Dissertation defense (August 23, 2022): Thiago Soares de Paula
Student: Thiago Soares de Paula
Title: Classificação de Notícias de Fraude e Corrupção em Português para Instauração de Processo Investigativo
Advisor: Gustavo Paiva Guedes e Silva
Day: August 23, 2022
Abstract: Fraud scandals are phenomena that can generate immeasurable impacts in the economic and reputational spheres. When a fraud is discovered, the facts are usually made public through the media, which generates a very large negative impact. Companies concerned about their images have invested more and more efforts to minimize or mitigate the effects of fraud.

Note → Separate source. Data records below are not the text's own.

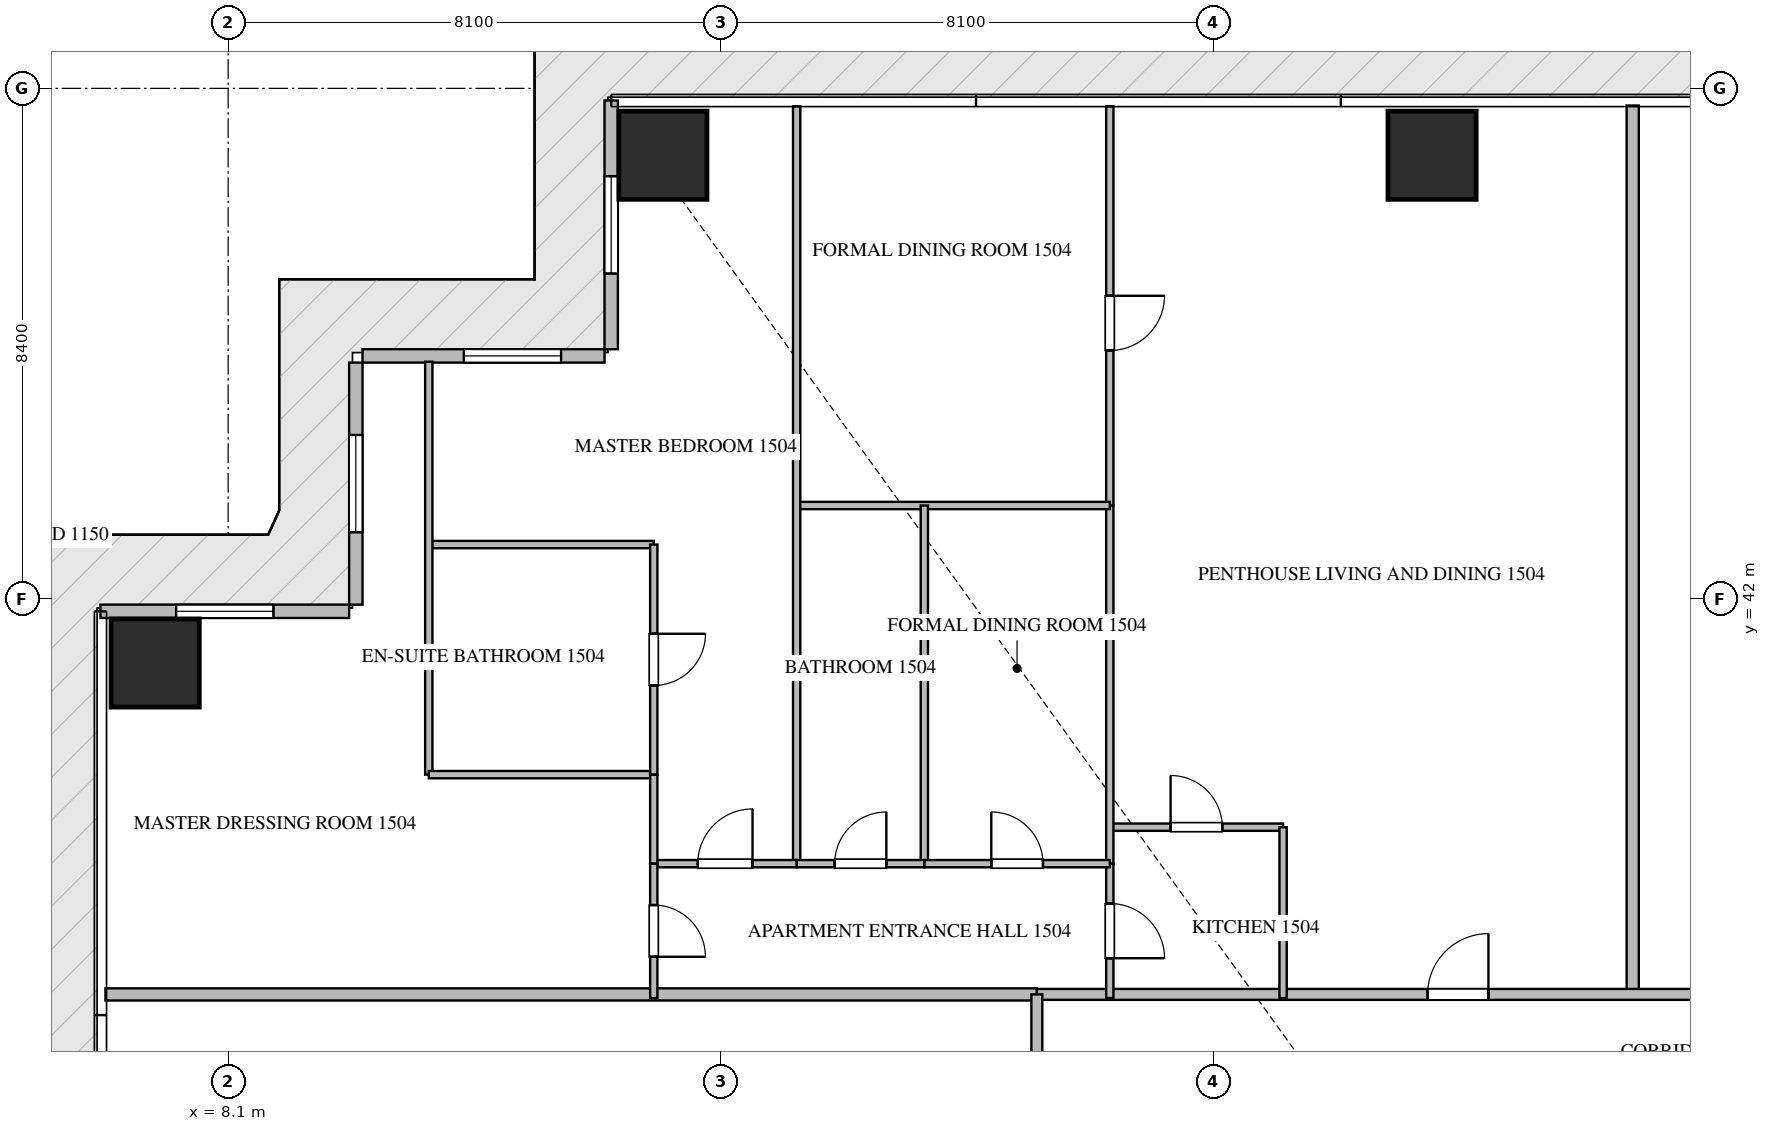
"""IFC4 building model, lengths in metres.
Left out: names, types, materials, properties, quantities, classifications, styles, units other than length and angle.
Written with IfcOpenShell. Run it as: python <this file> out.ifc"""

import sys

from ifc_helpers import new_model, si_unit, direction, frame, frame_2d, origin, origin_2d, place, context, subcontext, project, spatial, rectangle, extrude, source, transform, mapped, element, fill, save


model = new_model("IFC4")
c1 = context("Model", 3, precision=1e-05, world=origin(), true_north=direction((0.0, 1.0)))
c2 = subcontext(c1, "Body", "Model", "MODEL_VIEW")
j1 = project(units=[si_unit("LENGTHUNIT", "METRE"), si_unit("PLANEANGLEUNIT", "RADIAN")], contexts=[c1])
p1 = place(None, origin())
s1 = spatial("IfcSite", under=j1, at=p1, CompositionType="ELEMENT")
p2 = place(p1, origin())
s2 = spatial("IfcBuilding", under=s1, at=p2, CompositionType="ELEMENT")
p3 = place(p2, frame((0.0, 0.0, 64.2)))
s3 = spatial("IfcBuildingStorey", under=s2, at=p3, CompositionType="ELEMENT", Elevation=64.2)
m1 = source(origin(), c2, "Body", "SweptSolid", [
    extrude(rectangle(XDim=1.45, YDim=1.45, at=origin_2d()), origin(), (0.0, 0.0, 1.0), 3.75),
])
for number, where, z_axis, x_axis in (
    (1, (15.25, 49.3, -0.26), (0.0, 0.0, 1.0), (1.0, 0.0, 0.0)),
    (2, (27.9, 49.3, -0.26), (0.0, 0.0, 1.0), (1.0, 0.0, 0.0)),
    (3, (6.9, 40.95, -0.26), (0.0, 0.0, 1.0), (1.0, 0.0, 0.0)),
):
    element("IfcColumn", number, at=place(p3, frame(where, z_axis=z_axis, x_axis=x_axis)), inside=s3, PredefinedType="COLUMN", context=c2, shape_type="MappedRepresentation", body=[
        mapped(m1, transform((0.0, 0.0, 0.0), scale=1.0)),
    ])
p4 = place(p3, frame((14.4, 50.2, 0.0), z_axis=(0.0, 0.0, 1.0), x_axis=(0.0, -1.0, 0.0)))
e4 = element("IfcWall", 4, at=p4, inside=s3, PredefinedType="ELEMENTEDWALL", context=c2, shape_type="SweptSolid", body=[
    extrude(rectangle(XDim=4.09, YDim=0.22, at=frame_2d((2.045, 0.0))), origin(), (0.0, 0.0, 1.0), 3.475),
])
p5 = place(p4, frame((1.245, 0.0, 0.65)))
e5 = element("IfcOpeningElement", 5, at=p5, cuts=e4, PredefinedType="OPENING", context=c2, shape_type="SweptSolid", body=[
    extrude(rectangle(XDim=1.6, YDim=2.1, at=frame_2d((0.8, 1.05))), frame((0.0, 0.12, 0.0), z_axis=(0.0, -1.0, 0.0), x_axis=(1.0, 0.0, 0.0)), (0.0, 0.0, 1.0), 0.24),
])
p6 = place(p3, frame((14.29, 46.0, 0.0), z_axis=(0.0, 0.0, 1.0), x_axis=(-1.0, 0.0, 0.0)))
e6 = element("IfcWall", 6, at=p6, inside=s3, PredefinedType="ELEMENTEDWALL", context=c2, shape_type="SweptSolid", body=[
    extrude(rectangle(XDim=3.98, YDim=0.22, at=frame_2d((1.99, 0.0))), origin(), (0.0, 0.0, 1.0), 3.475),
])
p7 = place(p6, frame((0.714, 0.0, 0.65)))
e7 = element("IfcOpeningElement", 7, at=p7, cuts=e6, PredefinedType="OPENING", context=c2, shape_type="SweptSolid", body=[
    extrude(rectangle(XDim=1.6, YDim=2.1, at=frame_2d((0.8, 1.05))), frame((0.0, 0.12, 0.0), z_axis=(0.0, -1.0, 0.0), x_axis=(1.0, 0.0, 0.0)), (0.0, 0.0, 1.0), 0.24),
])
p8 = place(p3, frame((10.2, 45.89, 0.0), z_axis=(0.0, 0.0, 1.0), x_axis=(0.0, -1.0, 0.0)))
e8 = element("IfcWall", 8, at=p8, inside=s3, PredefinedType="ELEMENTEDWALL", context=c2, shape_type="SweptSolid", body=[
    extrude(rectangle(XDim=3.98, YDim=0.22, at=frame_2d((1.99, 0.0))), origin(), (0.0, 0.0, 1.0), 3.475),
])
p9 = place(p8, frame((1.19, 0.0, 0.65)))
e9 = element("IfcOpeningElement", 9, at=p9, cuts=e8, PredefinedType="OPENING", context=c2, shape_type="SweptSolid", body=[
    extrude(rectangle(XDim=1.6, YDim=2.1, at=frame_2d((0.8, 1.05))), frame((0.0, 0.12, 0.0), z_axis=(0.0, -1.0, 0.0), x_axis=(1.0, 0.0, 0.0)), (0.0, 0.0, 1.0), 0.24),
])
p10 = place(p3, frame((10.09, 41.8, 0.0), z_axis=(0.0, 0.0, 1.0), x_axis=(-1.0, 0.0, 0.0)))
e10 = element("IfcWall", 10, at=p10, inside=s3, PredefinedType="ELEMENTEDWALL", context=c2, shape_type="SweptSolid", body=[
    extrude(rectangle(XDim=4.09, YDim=0.22, at=frame_2d((2.045, 0.0))), origin(), (0.0, 0.0, 1.0), 3.475),
])
p11 = place(p10, frame((1.245, 0.0, 0.65)))
e11 = element("IfcOpeningElement", 11, at=p11, cuts=e10, PredefinedType="OPENING", context=c2, shape_type="SweptSolid", body=[
    extrude(rectangle(XDim=1.6, YDim=2.1, at=frame_2d((0.8, 1.05))), frame((0.0, 0.12, 0.0), z_axis=(0.0, -1.0, 0.0), x_axis=(1.0, 0.0, 0.0)), (0.0, 0.0, 1.0), 0.24),
])
p12 = place(p3, frame((31.2, 35.5, 0.0), z_axis=(0.0, 0.0, 1.0), x_axis=(0.0, 1.0, 0.0)))
e12 = element("IfcWall", 12, at=p12, inside=s3, PredefinedType="PARTITIONING", context=c2, shape_type="SweptSolid", body=[
    extrude(rectangle(XDim=14.618, YDim=0.2, at=frame_2d((7.309, 0.0))), origin(), (0.0, 0.0, 1.0), 3.49),
])
p13 = place(p3, frame((6.082, 35.5, 0.0), z_axis=(0.0, 0.0, 1.0), x_axis=(1.0, 0.0, 0.0)))
e13 = element("IfcWall", 13, at=p13, inside=s3, PredefinedType="PARTITIONING", context=c2, shape_type="SweptSolid", body=[
    extrude(rectangle(XDim=15.318, YDim=0.2, at=frame_2d((7.659, 0.0))), origin(), (0.0, 0.0, 1.0), 3.49),
])
p14 = place(p3, frame((21.402, 35.5, 0.0), z_axis=(0.0, 0.0, 1.0), x_axis=(1.0, 0.0, 0.0)))
e14 = element("IfcWall", 14, at=p14, inside=s3, PredefinedType="PARTITIONING", context=c2, shape_type="SweptSolid", body=[
    extrude(rectangle(XDim=21.996, YDim=0.18, at=frame_2d((10.998, 0.0))), origin(), (0.0, 0.0, 1.0), 3.49),
])
p15 = place(p14, frame((6.425, 0.0, 0.0)))
e15 = element("IfcOpeningElement", 15, at=p15, cuts=e14, PredefinedType="OPENING", context=c2, shape_type="SweptSolid", body=[
    extrude(rectangle(XDim=1.0, YDim=2.15, at=frame_2d((0.5, 1.075))), frame((0.0, 0.1, 0.0), z_axis=(0.0, -1.0, 0.0), x_axis=(1.0, 0.0, 0.0)), (0.0, 0.0, 1.0), 0.2),
])
p16 = place(p14, frame((13.605, 0.0, 0.0)))
e16 = element("IfcOpeningElement", 16, at=p16, cuts=e14, PredefinedType="OPENING", context=c2, shape_type="SweptSolid", body=[
    extrude(rectangle(XDim=1.0, YDim=2.15, at=frame_2d((0.5, 1.075))), frame((0.0, 0.1, 0.0), z_axis=(0.0, -1.0, 0.0), x_axis=(1.0, 0.0, 0.0)), (0.0, 0.0, 1.0), 0.2),
])
p17 = place(p3, frame((21.4, 14.9, 0.0), z_axis=(0.0, 0.0, 1.0), x_axis=(0.0, 1.0, 0.0)))
e17 = element("IfcWall", 17, at=p17, inside=s3, PredefinedType="PARTITIONING", context=c2, shape_type="SweptSolid", body=[
    extrude(rectangle(XDim=20.6, YDim=0.18, at=frame_2d((10.3, 0.0))), origin(), (0.0, 0.0, 1.0), 3.49),
])
p18 = place(p17, frame((5.919, 0.0, 0.0)))
e18 = element("IfcOpeningElement", 18, at=p18, cuts=e17, PredefinedType="OPENING", context=c2, shape_type="SweptSolid", body=[
    extrude(rectangle(XDim=1.0, YDim=2.15, at=frame_2d((0.5, 1.075))), frame((0.0, 0.1, 0.0), z_axis=(0.0, -1.0, 0.0), x_axis=(1.0, 0.0, 0.0)), (0.0, 0.0, 1.0), 0.2),
])
p19 = place(p17, frame((17.64, 0.0, 0.0)))
e19 = element("IfcOpeningElement", 19, at=p19, cuts=e17, PredefinedType="OPENING", context=c2, shape_type="SweptSolid", body=[
    extrude(rectangle(XDim=1.0, YDim=2.15, at=frame_2d((0.5, 1.075))), frame((0.0, 0.1, 0.0), z_axis=(0.0, -1.0, 0.0), x_axis=(1.0, 0.0, 0.0)), (0.0, 0.0, 1.0), 0.2),
])
p20 = place(p3, frame((22.6, 38.25, 0.0), z_axis=(0.0, 0.0, 1.0), x_axis=(1.0, 0.0, 0.0)))
e20 = element("IfcWall", 20, at=p20, inside=s3, PredefinedType="PARTITIONING", context=c2, shape_type="SweptSolid", body=[
    extrude(rectangle(XDim=2.85, YDim=0.12, at=frame_2d((1.425, 0.0))), origin(), (0.0, 0.0, 1.0), 3.49),
])
p21 = place(p20, frame((1.0, 0.0, 0.0)))
e21 = element("IfcOpeningElement", 21, at=p21, cuts=e20, PredefinedType="OPENING", context=c2, shape_type="SweptSolid", body=[
    extrude(rectangle(XDim=0.85, YDim=2.1, at=frame_2d((0.425, 1.05))), frame((0.0, 0.07, 0.0), z_axis=(0.0, -1.0, 0.0), x_axis=(1.0, 0.0, 0.0)), (0.0, 0.0, 1.0), 0.14),
])
p22 = place(p3, frame((25.45, 38.25, 0.0), z_axis=(0.0, 0.0, 1.0), x_axis=(0.0, -1.0, 0.0)))
e22 = element("IfcWall", 22, at=p22, inside=s3, PredefinedType="PARTITIONING", context=c2, shape_type="SweptSolid", body=[
    extrude(rectangle(XDim=2.81, YDim=0.12, at=frame_2d((1.405, 0.0))), origin(), (0.0, 0.0, 1.0), 3.49),
])
p23 = place(p3, frame((22.6, 37.65, 0.0), z_axis=(0.0, 0.0, 1.0), x_axis=(0.0, -1.0, 0.0)))
e23 = element("IfcWall", 23, at=p23, inside=s3, PredefinedType="PARTITIONING", context=c2, shape_type="SweptSolid", body=[
    extrude(rectangle(XDim=2.21, YDim=0.12, at=frame_2d((1.105, 0.0))), origin(), (0.0, 0.0, 1.0), 3.49),
])
p24 = place(p23, frame((0.655, 0.0, 0.0)))
e24 = element("IfcOpeningElement", 24, at=p24, cuts=e23, PredefinedType="OPENING", context=c2, shape_type="SweptSolid", body=[
    extrude(rectangle(XDim=0.9, YDim=2.1, at=frame_2d((0.45, 1.05))), frame((0.0, 0.07, 0.0), z_axis=(0.0, -1.0, 0.0), x_axis=(1.0, 0.0, 0.0)), (0.0, 0.0, 1.0), 0.14),
])
p25 = place(p3, frame((22.6, 50.105, 0.0), z_axis=(0.0, 0.0, 1.0), x_axis=(0.0, -1.0, 0.0)))
e25 = element("IfcWall", 25, at=p25, inside=s3, PredefinedType="PARTITIONING", context=c2, shape_type="SweptSolid", body=[
    extrude(rectangle(XDim=6.565, YDim=0.12, at=frame_2d((3.282, 0.0))), origin(), (0.0, 0.0, 1.0), 3.49),
])
p26 = place(p25, frame((3.116, 0.0, 0.0)))
e26 = element("IfcOpeningElement", 26, at=p26, cuts=e25, PredefinedType="OPENING", context=c2, shape_type="SweptSolid", body=[
    extrude(rectangle(XDim=0.9, YDim=2.1, at=frame_2d((0.45, 1.05))), frame((0.0, 0.07, 0.0), z_axis=(0.0, -1.0, 0.0), x_axis=(1.0, 0.0, 0.0)), (0.0, 0.0, 1.0), 0.14),
])
p27 = place(p3, frame((22.6, 43.538, 0.0), z_axis=(0.0, 0.0, 1.0), x_axis=(0.0, -1.0, 0.0)))
e27 = element("IfcWall", 27, at=p27, inside=s3, PredefinedType="PARTITIONING", context=c2, shape_type="SweptSolid", body=[
    extrude(rectangle(XDim=5.886, YDim=0.12, at=frame_2d((2.943, 0.0))), origin(), (0.0, 0.0, 1.0), 3.49),
])
p28 = place(p3, frame((17.45, 43.54, 0.0), z_axis=(0.0, 0.0, 1.0), x_axis=(1.0, 0.0, 0.0)))
e28 = element("IfcWall", 28, at=p28, inside=s3, PredefinedType="PARTITIONING", context=c2, shape_type="SweptSolid", body=[
    extrude(rectangle(XDim=5.15, YDim=0.12, at=frame_2d((2.575, 0.0))), origin(), (0.0, 0.0, 1.0), 3.49),
])
p29 = place(p3, frame((17.45, 50.105, 0.0), z_axis=(0.0, 0.0, 1.0), x_axis=(0.0, -1.0, 0.0)))
e29 = element("IfcWall", 29, at=p29, inside=s3, PredefinedType="PARTITIONING", context=c2, shape_type="SweptSolid", body=[
    extrude(rectangle(XDim=12.455, YDim=0.12, at=frame_2d((6.228, 0.0))), origin(), (0.0, 0.0, 1.0), 3.49),
])
p30 = place(p3, frame((19.55, 43.54, 0.0), z_axis=(0.0, 0.0, 1.0), x_axis=(0.0, -1.0, 0.0)))
e30 = element("IfcWall", 30, at=p30, inside=s3, PredefinedType="PARTITIONING", context=c2, shape_type="SweptSolid", body=[
    extrude(rectangle(XDim=5.89, YDim=0.12, at=frame_2d((2.945, 0.0))), origin(), (0.0, 0.0, 1.0), 3.49),
])
p31 = place(p3, frame((17.45, 37.65, 0.0), z_axis=(0.0, 0.0, 1.0), x_axis=(1.0, 0.0, 0.0)))
e31 = element("IfcWall", 31, at=p31, inside=s3, PredefinedType="PARTITIONING", context=c2, shape_type="SweptSolid", body=[
    extrude(rectangle(XDim=2.1, YDim=0.12, at=frame_2d((1.05, 0.0))), origin(), (0.0, 0.0, 1.0), 3.49),
])
p32 = place(p31, frame((0.625, 0.0, 0.0)))
e32 = element("IfcOpeningElement", 32, at=p32, cuts=e31, PredefinedType="OPENING", context=c2, shape_type="SweptSolid", body=[
    extrude(rectangle(XDim=0.85, YDim=2.1, at=frame_2d((0.425, 1.05))), frame((0.0, 0.07, 0.0), z_axis=(0.0, -1.0, 0.0), x_axis=(1.0, 0.0, 0.0)), (0.0, 0.0, 1.0), 0.14),
])
p33 = place(p3, frame((19.552, 37.65, 0.0), z_axis=(0.0, 0.0, 1.0), x_axis=(1.0, 0.0, 0.0)))
e33 = element("IfcWall", 33, at=p33, inside=s3, PredefinedType="PARTITIONING", context=c2, shape_type="SweptSolid", body=[
    extrude(rectangle(XDim=3.048, YDim=0.12, at=frame_2d((1.524, 0.0))), origin(), (0.0, 0.0, 1.0), 3.49),
])
p34 = place(p33, frame((1.099, 0.0, 0.0)))
e34 = element("IfcOpeningElement", 34, at=p34, cuts=e33, PredefinedType="OPENING", context=c2, shape_type="SweptSolid", body=[
    extrude(rectangle(XDim=0.85, YDim=2.1, at=frame_2d((0.425, 1.05))), frame((0.0, 0.07, 0.0), z_axis=(0.0, -1.0, 0.0), x_axis=(1.0, 0.0, 0.0)), (0.0, 0.0, 1.0), 0.14),
])
p35 = place(p3, frame((15.1, 37.65, 0.0), z_axis=(0.0, 0.0, 1.0), x_axis=(1.0, 0.0, 0.0)))
e35 = element("IfcWall", 35, at=p35, inside=s3, PredefinedType="PARTITIONING", context=c2, shape_type="SweptSolid", body=[
    extrude(rectangle(XDim=2.348, YDim=0.12, at=frame_2d((1.174, 0.0))), origin(), (0.0, 0.0, 1.0), 3.49),
])
p36 = place(p35, frame((0.724, 0.0, 0.0)))
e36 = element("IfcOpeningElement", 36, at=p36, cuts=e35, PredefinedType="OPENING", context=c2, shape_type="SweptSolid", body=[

One of the tasks aimed at mitigating the effects of fraud is media monitoring of fraud and corruption. This task is fundamental for the assessment and monitoring of business risks in the corporate world, as facts arise that can cause harm to the company and its counterparties at all times. Once fraud scandals are reported on news sites, the impacts can have negative consequences for corporate images. Therefore, this information needs to be collected and analyzed and, if necessary, forwarded to the investigative process. However, the large volume of news published per day makes a daily manual assessment impossible. This work presents an approach that aims to automate this process, which includes collecting web news through web crawlers about the main media vehicles in Brazil, building an annotated corpus in Portuguese about fraud and corruption and creating a machine learning model whose function is to classify news as relevant or not for opening an investigation.